# Any reports from Talquin?



## in the boat (Mar 5, 2010)

I'm planning a trip over to Talquin next week, just wondering if anybody's been over there the last couple of week's and if they had any luck.:whistling:


----------



## skiff89_jr (Apr 1, 2011)

Fish are being caught in open water trolling jigs. Yesterday they were averaging 35 keepers per boat. And I'd venture to say they were only keeping the 12+ inchers.


----------



## white2244bass (Dec 19, 2010)

Bass?


----------



## Splittine (Nov 24, 2007)

Crappie


----------



## skiff89_jr (Apr 1, 2011)

white2244bass said:


> Bass?


I was talking about crappie. There bass have an 18 inch limit. The crappie have a 10 inch limit, but most don't keep them unless they are 12+ inches.


----------



## Yakavelli (Mar 17, 2010)

Yeah lol...those old timers around there frown on keeping 10 inchers. I'm not as good at it as they are though, I take what i can get. Some of those guys bring back some freaking SLABS!


----------



## skiff89_jr (Apr 1, 2011)

Yakavelli said:


> Yeah lol...those old timers around there frown on keeping 10 inchers. I'm not as good at it as they are though, I take what i can get. Some of those guys bring back some freaking SLABS!


Yeah i've learned a lot from them. Most of them are retired and have campers at Lake Talquin Lodge so they fish the lake religiously and know it like the back of their hand. I'll be on there level one day Lol. Still learning :thumbsup:


----------



## white2244bass (Dec 19, 2010)

When are the bass in full swing spawn? And what parts of the lake are the best this time of year to catch em what is everyone throwing?


----------



## Yakavelli (Mar 17, 2010)

If y'all want some good advice on Talquin, go to the Florida forum on crappie.com. That's were the Talquin crappie masters are. You can talk to pretty much anyone around Lake Talquin Lodge and get some good advice too. They seem to love telling the inexperienced how to do it, and they won't hesitate to tell you exactly where to find the fish. They know you won't catch 'em like they do lol. I get a kick out of chatting with those old guys.


----------



## in the boat (Mar 5, 2010)

Thanks Skiff we'll be going after crappie and bass and will be staying at the lodge. Good report.


----------



## in the boat (Mar 5, 2010)

Yakavelli said:


> If y'all want some good advice on Talquin, go to the Florida forum on crappie.com. That's were the Talquin crappie masters are. You can talk to pretty much anyone around Lake Talquin Lodge and get some good advice too. They seem to love telling the inexperienced how to do it, and they won't hesitate to tell you exactly where to find the fish. They know you won't catch 'em like they do lol. I get a kick out of chatting with those old guys.

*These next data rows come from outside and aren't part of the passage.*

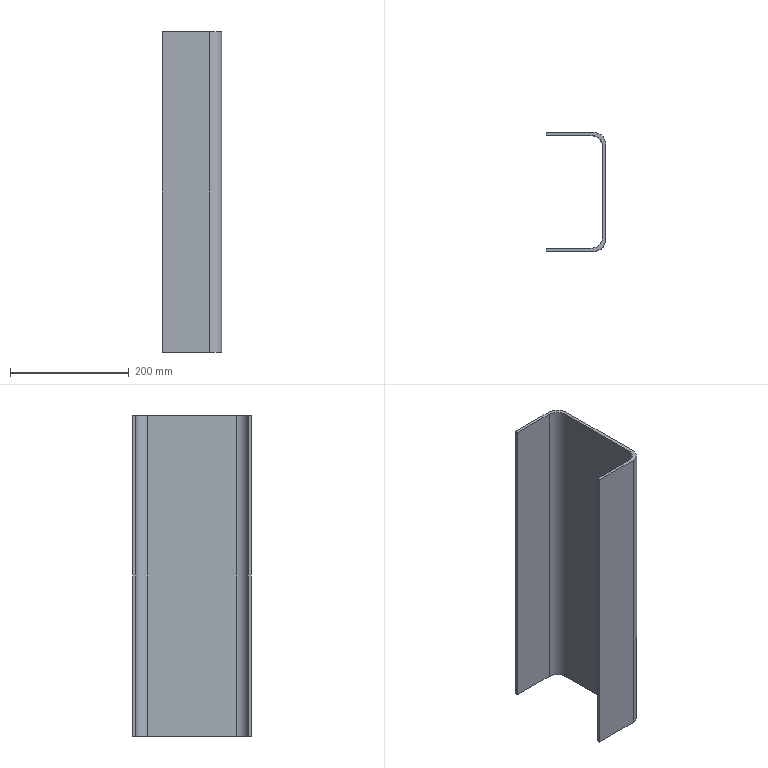Component | NX | PERFIL_U | 1 solid | 14 faces | box 100 x 200 x 540 mm | volume 1053000 mm3 | plane 10 | cylinder 4 | commonest cylinder face diameters 40 x4
STEP:
#1=CARTESIAN_POINT('',(0.,0.,0.));
#2=DIRECTION('',(0.,0.,1.));
#3=DIRECTION('',(1.,0.,0.));
#4=AXIS2_PLACEMENT_3D('',#1,#2,#3);
#5=CARTESIAN_POINT('',(0.,-234.8,700.));
#6=VERTEX_POINT('',#5);
#7=CARTESIAN_POINT('',(80.,-234.8,700.));
#8=VERTEX_POINT('',#7);
#9=CARTESIAN_POINT('',(0.,-234.8,700.));
#10=DIRECTION('',(1.,0.,0.));
#11=VECTOR('',#10,1.);
#12=LINE('',#9,#11);
#13=CARTESIAN_POINT('',(0.,-234.8,160.));
#14=DIRECTION('',(0.,-1.,0.));
#15=DIRECTION('',(1.,0.,0.));
#16=AXIS2_PLACEMENT_3D('',#13,#14,#15);
#17=PLANE('',#16);
#18=CARTESIAN_POINT('',(0.,540.));
#19=DIRECTION('',(1.,0.));
#20=VECTOR('',#19,1.);
#21=LINE('',#18,#20);
#22=(GEOMETRIC_REPRESENTATION_CONTEXT(2)PARAMETRIC_REPRESENTATION_CONTEXT()REPRESENTATION_CONTEXT('',''));
#23=DEFINITIONAL_REPRESENTATION('',(#21),#22);
#24=PCURVE('',#17,#23);
#25=CARTESIAN_POINT('',(100.,-234.8,700.));
#26=DIRECTION('',(0.,0.,-1.));
#27=DIRECTION('',(1.,0.,0.));
#28=AXIS2_PLACEMENT_3D('',#25,#26,#27);
#29=PLANE('',#28);
#30=CARTESIAN_POINT('',(-100.,0.));
#31=DIRECTION('',(1.,0.));
#32=VECTOR('',#31,1.);
#33=LINE('',#30,#32);
#34=(GEOMETRIC_REPRESENTATION_CONTEXT(2)PARAMETRIC_REPRESENTATION_CONTEXT()REPRESENTATION_CONTEXT('',''));
#35=DEFINITIONAL_REPRESENTATION('',(#33),#34);
#36=PCURVE('',#29,#35);
#37=SURFACE_CURVE('',#12,(#24,#36),.PCURVE_S1.);
#38=EDGE_CURVE('',#6,#8,#37,.T.);
#39=ORIENTED_EDGE('',*,*,#38,.T.);
#40=CARTESIAN_POINT('',(80.,-234.8,160.));
#41=VERTEX_POINT('',#40);
#42=CARTESIAN_POINT('',(80.,-234.8,160.));
#43=DIRECTION('',(0.,0.,-1.));
#44=VECTOR('',#43,1.);
#45=LINE('',#42,#44);
#46=CARTESIAN_POINT('',(80.,0.));
#47=DIRECTION('',(0.,-1.));
#48=VECTOR('',#47,1.);
#49=LINE('',#46,#48);
#50=(GEOMETRIC_REPRESENTATION_CONTEXT(2)PARAMETRIC_REPRESENTATION_CONTEXT()REPRESENTATION_CONTEXT('',''));
#51=DEFINITIONAL_REPRESENTATION('',(#49),#50);
#52=PCURVE('',#17,#51);
#53=CARTESIAN_POINT('',(80.,-254.8,160.));
#54=DIRECTION('',(0.,0.,1.));
#55=DIRECTION('',(-1.,0.,0.));
#56=AXIS2_PLACEMENT_3D('',#53,#54,#55);
#57=CYLINDRICAL_SURFACE('',#56,20.);
#58=CARTESIAN_POINT('',(4.712,0.));
#59=DIRECTION('',(0.,-1.));
#60=VECTOR('',#59,1.);
#61=LINE('',#58,#60);
#62=(GEOMETRIC_REPRESENTATION_CONTEXT(2)PARAMETRIC_REPRESENTATION_CONTEXT()REPRESENTATION_CONTEXT('',''));
#63=DEFINITIONAL_REPRESENTATION('',(#61),#62);
#64=PCURVE('',#57,#63);
#65=SURFACE_CURVE('',#45,(#52,#64),.PCURVE_S1.);
#66=EDGE_CURVE('',#8,#41,#65,.T.);
#67=ORIENTED_EDGE('',*,*,#66,.T.);
#68=CARTESIAN_POINT('',(0.,-234.8,160.));
#69=VERTEX_POINT('',#68);
#70=CARTESIAN_POINT('',(0.,-234.8,160.));
#71=DIRECTION('',(1.,0.,0.));
#72=VECTOR('',#71,1.);
#73=LINE('',#70,#72);
#74=CARTESIAN_POINT('',(0.,0.));
#75=DIRECTION('',(1.,0.));
#76=VECTOR('',#75,1.);
#77=LINE('',#74,#76);
#78=(GEOMETRIC_REPRESENTATION_CONTEXT(2)PARAMETRIC_REPRESENTATION_CONTEXT()REPRESENTATION_CONTEXT('',''));
#79=DEFINITIONAL_REPRESENTATION('',(#77),#78);
#80=PCURVE('',#17,#79);
#81=CARTESIAN_POINT('',(100.,-234.8,160.));
#82=DIRECTION('',(0.,0.,-1.));
#83=DIRECTION('',(1.,0.,0.));
#84=AXIS2_PLACEMENT_3D('',#81,#82,#83);
#85=PLANE('',#84);
#86=CARTESIAN_POINT('',(-100.,0.));
#87=DIRECTION('',(1.,0.));
#88=VECTOR('',#87,1.);
#89=LINE('',#86,#88);
#90=(GEOMETRIC_REPRESENTATION_CONTEXT(2)PARAMETRIC_REPRESENTATION_CONTEXT()REPRESENTATION_CONTEXT('',''));
#91=DEFINITIONAL_REPRESENTATION('',(#89),#90);
#92=PCURVE('',#85,#91);
#93=SURFACE_CURVE('',#73,(#80,#92),.PCURVE_S1.);
#94=EDGE_CURVE('',#69,#41,#93,.T.);
#95=ORIENTED_EDGE('',*,*,#94,.F.);
#96=CARTESIAN_POINT('',(0.,-234.8,160.));
#97=DIRECTION('',(0.,0.,1.));
#98=VECTOR('',#97,1.);
#99=LINE('',#96,#98);
#100=CARTESIAN_POINT('',(0.,0.));
#101=DIRECTION('',(0.,1.));
#102=VECTOR('',#101,1.);
#103=LINE('',#100,#102);
#104=(GEOMETRIC_REPRESENTATION_CONTEXT(2)PARAMETRIC_REPRESENTATION_CONTEXT()REPRESENTATION_CONTEXT('',''));
#105=DEFINITIONAL_REPRESENTATION('',(#103),#104);
#106=PCURVE('',#17,#105);
#107=CARTESIAN_POINT('',(0.,-239.8,160.));
#108=DIRECTION('',(1.,0.,0.));
#109=DIRECTION('',(0.,1.,0.));
#110=AXIS2_PLACEMENT_3D('',#107,#108,#109);
#111=PLANE('',#110);
#112=CARTESIAN_POINT('',(5.,0.));
#113=DIRECTION('',(0.,1.));
#114=VECTOR('',#113,1.);
#115=LINE('',#112,#114);
#116=(GEOMETRIC_REPRESENTATION_CONTEXT(2)PARAMETRIC_REPRESENTATION_CONTEXT()REPRESENTATION_CONTEXT('',''));
#117=DEFINITIONAL_REPRESENTATION('',(#115),#116);
#118=PCURVE('',#111,#117);
#119=SURFACE_CURVE('',#99,(#106,#118),.PCURVE_S1.);
#120=EDGE_CURVE('',#69,#6,#119,.T.);
#121=ORIENTED_EDGE('',*,*,#120,.T.);
#122=EDGE_LOOP('',(#39,#67,#95,#121));
#123=FACE_BOUND('',#122,.T.);
#124=ADVANCED_FACE('',(#123),#17,.F.);
#125=CARTESIAN_POINT('',(100.,-254.8,700.));
#126=VERTEX_POINT('',#125);
#127=CARTESIAN_POINT('',(100.,-414.8,700.));
#128=VERTEX_POINT('',#127);
#129=CARTESIAN_POINT('',(100.,-234.8,700.));
#130=DIRECTION('',(0.,-1.,0.));
#131=VECTOR('',#130,1.);
#132=LINE('',#129,#131);
#133=CARTESIAN_POINT('',(100.,-234.8,160.));
#134=DIRECTION('',(-1.,0.,0.));
#135=DIRECTION('',(0.,-1.,0.));
#136=AXIS2_PLACEMENT_3D('',#133,#134,#135);
#137=PLANE('',#136);
#138=CARTESIAN_POINT('',(0.,540.));
#139=DIRECTION('',(1.,0.));
#140=VECTOR('',#139,1.);
#141=LINE('',#138,#140);
#142=(GEOMETRIC_REPRESENTATION_CONTEXT(2)PARAMETRIC_REPRESENTATION_CONTEXT()REPRESENTATION_CONTEXT('',''));
#143=DEFINITIONAL_REPRESENTATION('',(#141),#142);
#144=PCURVE('',#137,#143);
#145=CARTESIAN_POINT('',(0.,0.));
#146=DIRECTION('',(0.,1.));
#147=VECTOR('',#146,1.);
#148=LINE('',#145,#147);
#149=(GEOMETRIC_REPRESENTATION_CONTEXT(2)PARAMETRIC_REPRESENTATION_CONTEXT()REPRESENTATION_CONTEXT('',''));
#150=DEFINITIONAL_REPRESENTATION('',(#148),#149);
#151=PCURVE('',#29,#150);
#152=SURFACE_CURVE('',#132,(#144,#151),.PCURVE_S1.);
#153=EDGE_CURVE('',#126,#128,#152,.T.);
#154=ORIENTED_EDGE('',*,*,#153,.T.);
#155=CARTESIAN_POINT('',(100.,-414.8,160.));
#156=VERTEX_POINT('',#155);
#157=CARTESIAN_POINT('',(100.,-414.8,160.));
#158=DIRECTION('',(0.,0.,-1.));
#159=VECTOR('',#158,1.);
#160=LINE('',#157,#159);
#161=CARTESIAN_POINT('',(180.,0.));
#162=DIRECTION('',(0.,-1.));
#163=VECTOR('',#162,1.);
#164=LINE('',#161,#163);
#165=(GEOMETRIC_REPRESENTATION_CONTEXT(2)PARAMETRIC_REPRESENTATION_CONTEXT()REPRESENTATION_CONTEXT('',''));
#166=DEFINITIONAL_REPRESENTATION('',(#164),#165);
#167=PCURVE('',#137,#166);
#168=CARTESIAN_POINT('',(80.,-414.8,160.));
#169=DIRECTION('',(0.,0.,1.));
#170=DIRECTION('',(-1.,0.,0.));
#171=AXIS2_PLACEMENT_3D('',#168,#169,#170);
#172=CYLINDRICAL_SURFACE('',#171,20.);
#173=CARTESIAN_POINT('',(3.142,0.));
#174=DIRECTION('',(0.,-1.));
#175=VECTOR('',#174,1.);
#176=LINE('',#173,#175);
#177=(GEOMETRIC_REPRESENTATION_CONTEXT(2)PARAMETRIC_REPRESENTATION_CONTEXT()REPRESENTATION_CONTEXT('',''));
#178=DEFINITIONAL_REPRESENTATION('',(#176),#177);
#179=PCURVE('',#172,#178);
#180=SURFACE_CURVE('',#160,(#167,#179),.PCURVE_S1.);
#181=EDGE_CURVE('',#128,#156,#180,.T.);
#182=ORIENTED_EDGE('',*,*,#181,.T.);
#183=CARTESIAN_POINT('',(100.,-254.8,160.));
#184=VERTEX_POINT('',#183);
#185=CARTESIAN_POINT('',(100.,-234.8,160.));
#186=DIRECTION('',(0.,-1.,0.));
#187=VECTOR('',#186,1.);
#188=LINE('',#185,#187);
#189=CARTESIAN_POINT('',(0.,0.));
#190=DIRECTION('',(1.,0.));
#191=VECTOR('',#190,1.);
#192=LINE('',#189,#191);
#193=(GEOMETRIC_REPRESENTATION_CONTEXT(2)PARAMETRIC_REPRESENTATION_CONTEXT()REPRESENTATION_CONTEXT('',''));
#194=DEFINITIONAL_REPRESENTATION('',(#192),#193);
#195=PCURVE('',#137,#194);
#196=CARTESIAN_POINT('',(0.,0.));
#197=DIRECTION('',(0.,1.));
#198=VECTOR('',#197,1.);
#199=LINE('',#196,#198);
#200=(GEOMETRIC_REPRESENTATION_CONTEXT(2)PARAMETRIC_REPRESENTATION_CONTEXT()REPRESENTATION_CONTEXT('',''));
#201=DEFINITIONAL_REPRESENTATION('',(#199),#200);
#202=PCURVE('',#85,#201);
#203=SURFACE_CURVE('',#188,(#195,#202),.PCURVE_S1.);
#204=EDGE_CURVE('',#184,#156,#203,.T.);
#205=ORIENTED_EDGE('',*,*,#204,.F.);
#206=CARTESIAN_POINT('',(100.,-254.8,160.));
#207=DIRECTION('',(0.,0.,1.));
#208=VECTOR('',#207,1.);
#209=LINE('',#206,#208);
#210=CARTESIAN_POINT('',(20.,0.));
#211=DIRECTION('',(0.,1.));
#212=VECTOR('',#211,1.);
#213=LINE('',#210,#212);
#214=(GEOMETRIC_REPRESENTATION_CONTEXT(2)PARAMETRIC_REPRESENTATION_CONTEXT()REPRESENTATION_CONTEXT('',''));
#215=DEFINITIONAL_REPRESENTATION('',(#213),#214);
#216=PCURVE('',#137,#215);
#217=CARTESIAN_POINT('',(3.142,0.));
#218=DIRECTION('',(0.,1.));
#219=VECTOR('',#218,1.);
#220=LINE('',#217,#219);
#221=(GEOMETRIC_REPRESENTATION_CONTEXT(2)PARAMETRIC_REPRESENTATION_CONTEXT()REPRESENTATION_CONTEXT('',''));
#222=DEFINITIONAL_REPRESENTATION('',(#220),#221);
#223=PCURVE('',#57,#222);
#224=SURFACE_CURVE('',#209,(#216,#223),.PCURVE_S1.);
#225=EDGE_CURVE('',#184,#126,#224,.T.);
#226=ORIENTED_EDGE('',*,*,#225,.T.);
#227=EDGE_LOOP('',(#154,#182,#205,#226));
#228=FACE_BOUND('',#227,.T.);
#229=ADVANCED_FACE('',(#228),#137,.F.);
#230=CARTESIAN_POINT('',(80.,-434.8,160.));
#231=VERTEX_POINT('',#230);
#232=CARTESIAN_POINT('',(0.,-434.8,160.));
#233=VERTEX_POINT('',#232);
#234=CARTESIAN_POINT('',(100.,-434.8,160.));
#235=DIRECTION('',(-1.,0.,0.));
#236=VECTOR('',#235,1.);
#237=LINE('',#234,#236);
#238=CARTESIAN_POINT('',(100.,-434.8,160.));
#239=DIRECTION('',(0.,1.,0.));
#240=DIRECTION('',(-1.,0.,0.));
#241=AXIS2_PLACEMENT_3D('',#238,#239,#240);
#242=PLANE('',#241);
#243=CARTESIAN_POINT('',(0.,0.));
#244=DIRECTION('',(1.,0.));
#245=VECTOR('',#244,1.);
#246=LINE('',#243,#245);
#247=(GEOMETRIC_REPRESENTATION_CONTEXT(2)PARAMETRIC_REPRESENTATION_CONTEXT()REPRESENTATION_CONTEXT('',''));
#248=DEFINITIONAL_REPRESENTATION('',(#246),#247);
#249=PCURVE('',#242,#248);
#250=CARTESIAN_POINT('',(0.,200.));
#251=DIRECTION('',(-1.,0.));
#252=VECTOR('',#251,1.);
#253=LINE('',#250,#252);
#254=(GEOMETRIC_REPRESENTATION_CONTEXT(2)PARAMETRIC_REPRESENTATION_CONTEXT()REPRESENTATION_CONTEXT('',''));
#255=DEFINITIONAL_REPRESENTATION('',(#253),#254);
#256=PCURVE('',#85,#255);
#257=SURFACE_CURVE('',#237,(#249,#256),.PCURVE_S1.);
#258=EDGE_CURVE('',#231,#233,#257,.T.);
#259=ORIENTED_EDGE('',*,*,#258,.F.);
#260=CARTESIAN_POINT('',(80.,-434.8,700.));
#261=VERTEX_POINT('',#260);
#262=CARTESIAN_POINT('',(80.,-434.8,160.));
#263=DIRECTION('',(0.,0.,1.));
#264=VECTOR('',#263,1.);
#265=LINE('',#262,#264);
#266=CARTESIAN_POINT('',(20.,0.));
#267=DIRECTION('',(0.,1.));
#268=VECTOR('',#267,1.);
#269=LINE('',#266,#268);
#270=(GEOMETRIC_REPRESENTATION_CONTEXT(2)PARAMETRIC_REPRESENTATION_CONTEXT()REPRESENTATION_CONTEXT('',''));
#271=DEFINITIONAL_REPRESENTATION('',(#269),#270);
#272=PCURVE('',#242,#271);
#273=CARTESIAN_POINT('',(1.571,0.));
#274=DIRECTION('',(0.,1.));
#275=VECTOR('',#274,1.);
#276=LINE('',#273,#275);
#277=(GEOMETRIC_REPRESENTATION_CONTEXT(2)PARAMETRIC_REPRESENTATION_CONTEXT()REPRESENTATION_CONTEXT('',''));
#278=DEFINITIONAL_REPRESENTATION('',(#276),#277);
#279=PCURVE('',#172,#278);
#280=SURFACE_CURVE('',#265,(#272,#279),.PCURVE_S1.);
#281=EDGE_CURVE('',#231,#261,#280,.T.);
#282=ORIENTED_EDGE('',*,*,#281,.T.);
#283=CARTESIAN_POINT('',(0.,-434.8,700.));
#284=VERTEX_POINT('',#283);
#285=CARTESIAN_POINT('',(100.,-434.8,700.));
#286=DIRECTION('',(-1.,0.,0.));
#287=VECTOR('',#286,1.);
#288=LINE('',#285,#287);
#289=CARTESIAN_POINT('',(0.,540.));
#290=DIRECTION('',(1.,0.));
#291=VECTOR('',#290,1.);
#292=LINE('',#289,#291);
#293=(GEOMETRIC_REPRESENTATION_CONTEXT(2)PARAMETRIC_REPRESENTATION_CONTEXT()REPRESENTATION_CONTEXT('',''));
#294=DEFINITIONAL_REPRESENTATION('',(#292),#293);
#295=PCURVE('',#242,#294);
#296=CARTESIAN_POINT('',(0.,200.));
#297=DIRECTION('',(-1.,0.));
#298=VECTOR('',#297,1.);
#299=LINE('',#296,#298);
#300=(GEOMETRIC_REPRESENTATION_CONTEXT(2)PARAMETRIC_REPRESENTATION_CONTEXT()REPRESENTATION_CONTEXT('',''));
#301=DEFINITIONAL_REPRESENTATION('',(#299),#300);
#302=PCURVE('',#29,#301);
#303=SURFACE_CURVE('',#288,(#295,#302),.PCURVE_S1.);
#304=EDGE_CURVE('',#261,#284,#303,.T.);
#305=ORIENTED_EDGE('',*,*,#304,.T.);
#306=CARTESIAN_POINT('',(0.,-434.8,160.));
#307=DIRECTION('',(0.,0.,1.));
#308=VECTOR('',#307,1.);
#309=LINE('',#306,#308);
#310=CARTESIAN_POINT('',(100.,0.));
#311=DIRECTION('',(0.,1.));
#312=VECTOR('',#311,1.);
#313=LINE('',#310,#312);
#314=(GEOMETRIC_REPRESENTATION_CONTEXT(2)PARAMETRIC_REPRESENTATION_CONTEXT()REPRESENTATION_CONTEXT('',''));
#315=DEFINITIONAL_REPRESENTATION('',(#313),#314);
#316=PCURVE('',#242,#315);
#317=CARTESIAN_POINT('',(0.,-434.8,160.));
#318=DIRECTION('',(1.,0.,0.));
#319=DIRECTION('',(0.,1.,0.));
#320=AXIS2_PLACEMENT_3D('',#317,#318,#319);
#321=PLANE('',#320);
#322=CARTESIAN_POINT('',(0.,0.));
#323=DIRECTION('',(0.,1.));
#324=VECTOR('',#323,1.);
#325=LINE('',#322,#324);
#326=(GEOMETRIC_REPRESENTATION_CONTEXT(2)PARAMETRIC_REPRESENTATION_CONTEXT()REPRESENTATION_CONTEXT('',''));
#327=DEFINITIONAL_REPRESENTATION('',(#325),#326);
#328=PCURVE('',#321,#327);
#329=SURFACE_CURVE('',#309,(#316,#328),.PCURVE_S1.);
#330=EDGE_CURVE('',#233,#284,#329,.T.);
#331=ORIENTED_EDGE('',*,*,#330,.F.);
#332=EDGE_LOOP('',(#259,#282,#305,#331));
#333=FACE_BOUND('',#332,.T.);
#334=ADVANCED_FACE('',(#333),#242,.F.);
#335=CARTESIAN_POINT('',(0.,-429.8,700.));
#336=VERTEX_POINT('',#335);
#337=CARTESIAN_POINT('',(0.,-434.8,700.));
#338=DIRECTION('',(0.,1.,0.));
#339=VECTOR('',#338,1.);
#340=LINE('',#337,#339);
#341=CARTESIAN_POINT('',(0.,540.));
#342=DIRECTION('',(1.,0.));
#343=VECTOR('',#342,1.);
#344=LINE('',#341,#343);
#345=(GEOMETRIC_REPRESENTATION_CONTEXT(2)PARAMETRIC_REPRESENTATION_CONTEXT()REPRESENTATION_CONTEXT('',''));
#346=DEFINITIONAL_REPRESENTATION('',(#344),#345);
#347=PCURVE('',#321,#346);
#348=CARTESIAN_POINT('',(-100.,200.));
#349=DIRECTION('',(0.,-1.));
#350=VECTOR('',#349,1.);
#351=LINE('',#348,#350);
#352=(GEOMETRIC_REPRESENTATION_CONTEXT(2)PARAMETRIC_REPRESENTATION_CONTEXT()REPRESENTATION_CONTEXT('',''));
#353=DEFINITIONAL_REPRESENTATION('',(#351),#352);
#354=PCURVE('',#29,#353);
#355=SURFACE_CURVE('',#340,(#347,#354),.PCURVE_S1.);
#356=EDGE_CURVE('',#284,#336,#355,.T.);
#357=ORIENTED_EDGE('',*,*,#356,.T.);
#358=CARTESIAN_POINT('',(0.,-429.8,160.));
#359=VERTEX_POINT('',#358);
#360=CARTESIAN_POINT('',(0.,-429.8,160.));
#361=DIRECTION('',(0.,0.,1.));
#362=VECTOR('',#361,1.);
#363=LINE('',#360,#362);
#364=CARTESIAN_POINT('',(5.,0.));
#365=DIRECTION('',(0.,1.));
#366=VECTOR('',#365,1.);
#367=LINE('',#364,#366);
#368=(GEOMETRIC_REPRESENTATION_CONTEXT(2)PARAMETRIC_REPRESENTATION_CONTEXT()REPRESENTATION_CONTEXT('',''));
#369=DEFINITIONAL_REPRESENTATION('',(#367),#368);
#370=PCURVE('',#321,#369);
#371=CARTESIAN_POINT('',(0.,-429.8,160.));
#372=DIRECTION('',(0.,-1.,0.));
#373=DIRECTION('',(1.,0.,0.));
#374=AXIS2_PLACEMENT_3D('',#371,#372,#373);
#375=PLANE('',#374);
#376=CARTESIAN_POINT('',(0.,0.));
#377=DIRECTION('',(0.,1.));
#378=VECTOR('',#377,1.);
#379=LINE('',#376,#378);
#380=(GEOMETRIC_REPRESENTATION_CONTEXT(2)PARAMETRIC_REPRESENTATION_CONTEXT()REPRESENTATION_CONTEXT('',''));
#381=DEFINITIONAL_REPRESENTATION('',(#379),#380);
#382=PCURVE('',#375,#381);
#383=SURFACE_CURVE('',#363,(#370,#382),.PCURVE_S1.);
#384=EDGE_CURVE('',#359,#336,#383,.T.);
#385=ORIENTED_EDGE('',*,*,#384,.F.);
#386=CARTESIAN_POINT('',(0.,-434.8,160.));
#387=DIRECTION('',(0.,1.,0.));
#388=VECTOR('',#387,1.);
#389=LINE('',#386,#388);
#390=CARTESIAN_POINT('',(0.,0.));
#391=DIRECTION('',(1.,0.));
#392=VECTOR('',#391,1.);
#393=LINE('',#390,#392);
#394=(GEOMETRIC_REPRESENTATION_CONTEXT(2)PARAMETRIC_REPRESENTATION_CONTEXT()REPRESENTATION_CONTEXT('',''));
#395=DEFINITIONAL_REPRESENTATION('',(#393),#394);
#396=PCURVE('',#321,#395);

Thanks I'll pull that up and check it out.


----------



## skiff89_jr (Apr 1, 2011)

in the boat said:


> Thanks Skiff we'll be going after crappie and bass and will be staying at the lodge. Good report.


No problem man. Keep us posted on how the trip turned out. I'll be over there soon. :thumbsup: Just waiting for that magic word :thumbup:


----------



## in the boat (Mar 5, 2010)

Today the water level at Talquin was dropping and as of this evening was very low. The gates at the dam were open all day. Main channel is very muddy but creeks aren't to bad. Only fished a little this afternoon but numbers weren't high for anyone I talked with. Hopefully things will be better tomorrow .


----------



## GatorBane (Jan 11, 2010)

Last week too much water. This week not enough. Hang in there your luck is bound to change.


----------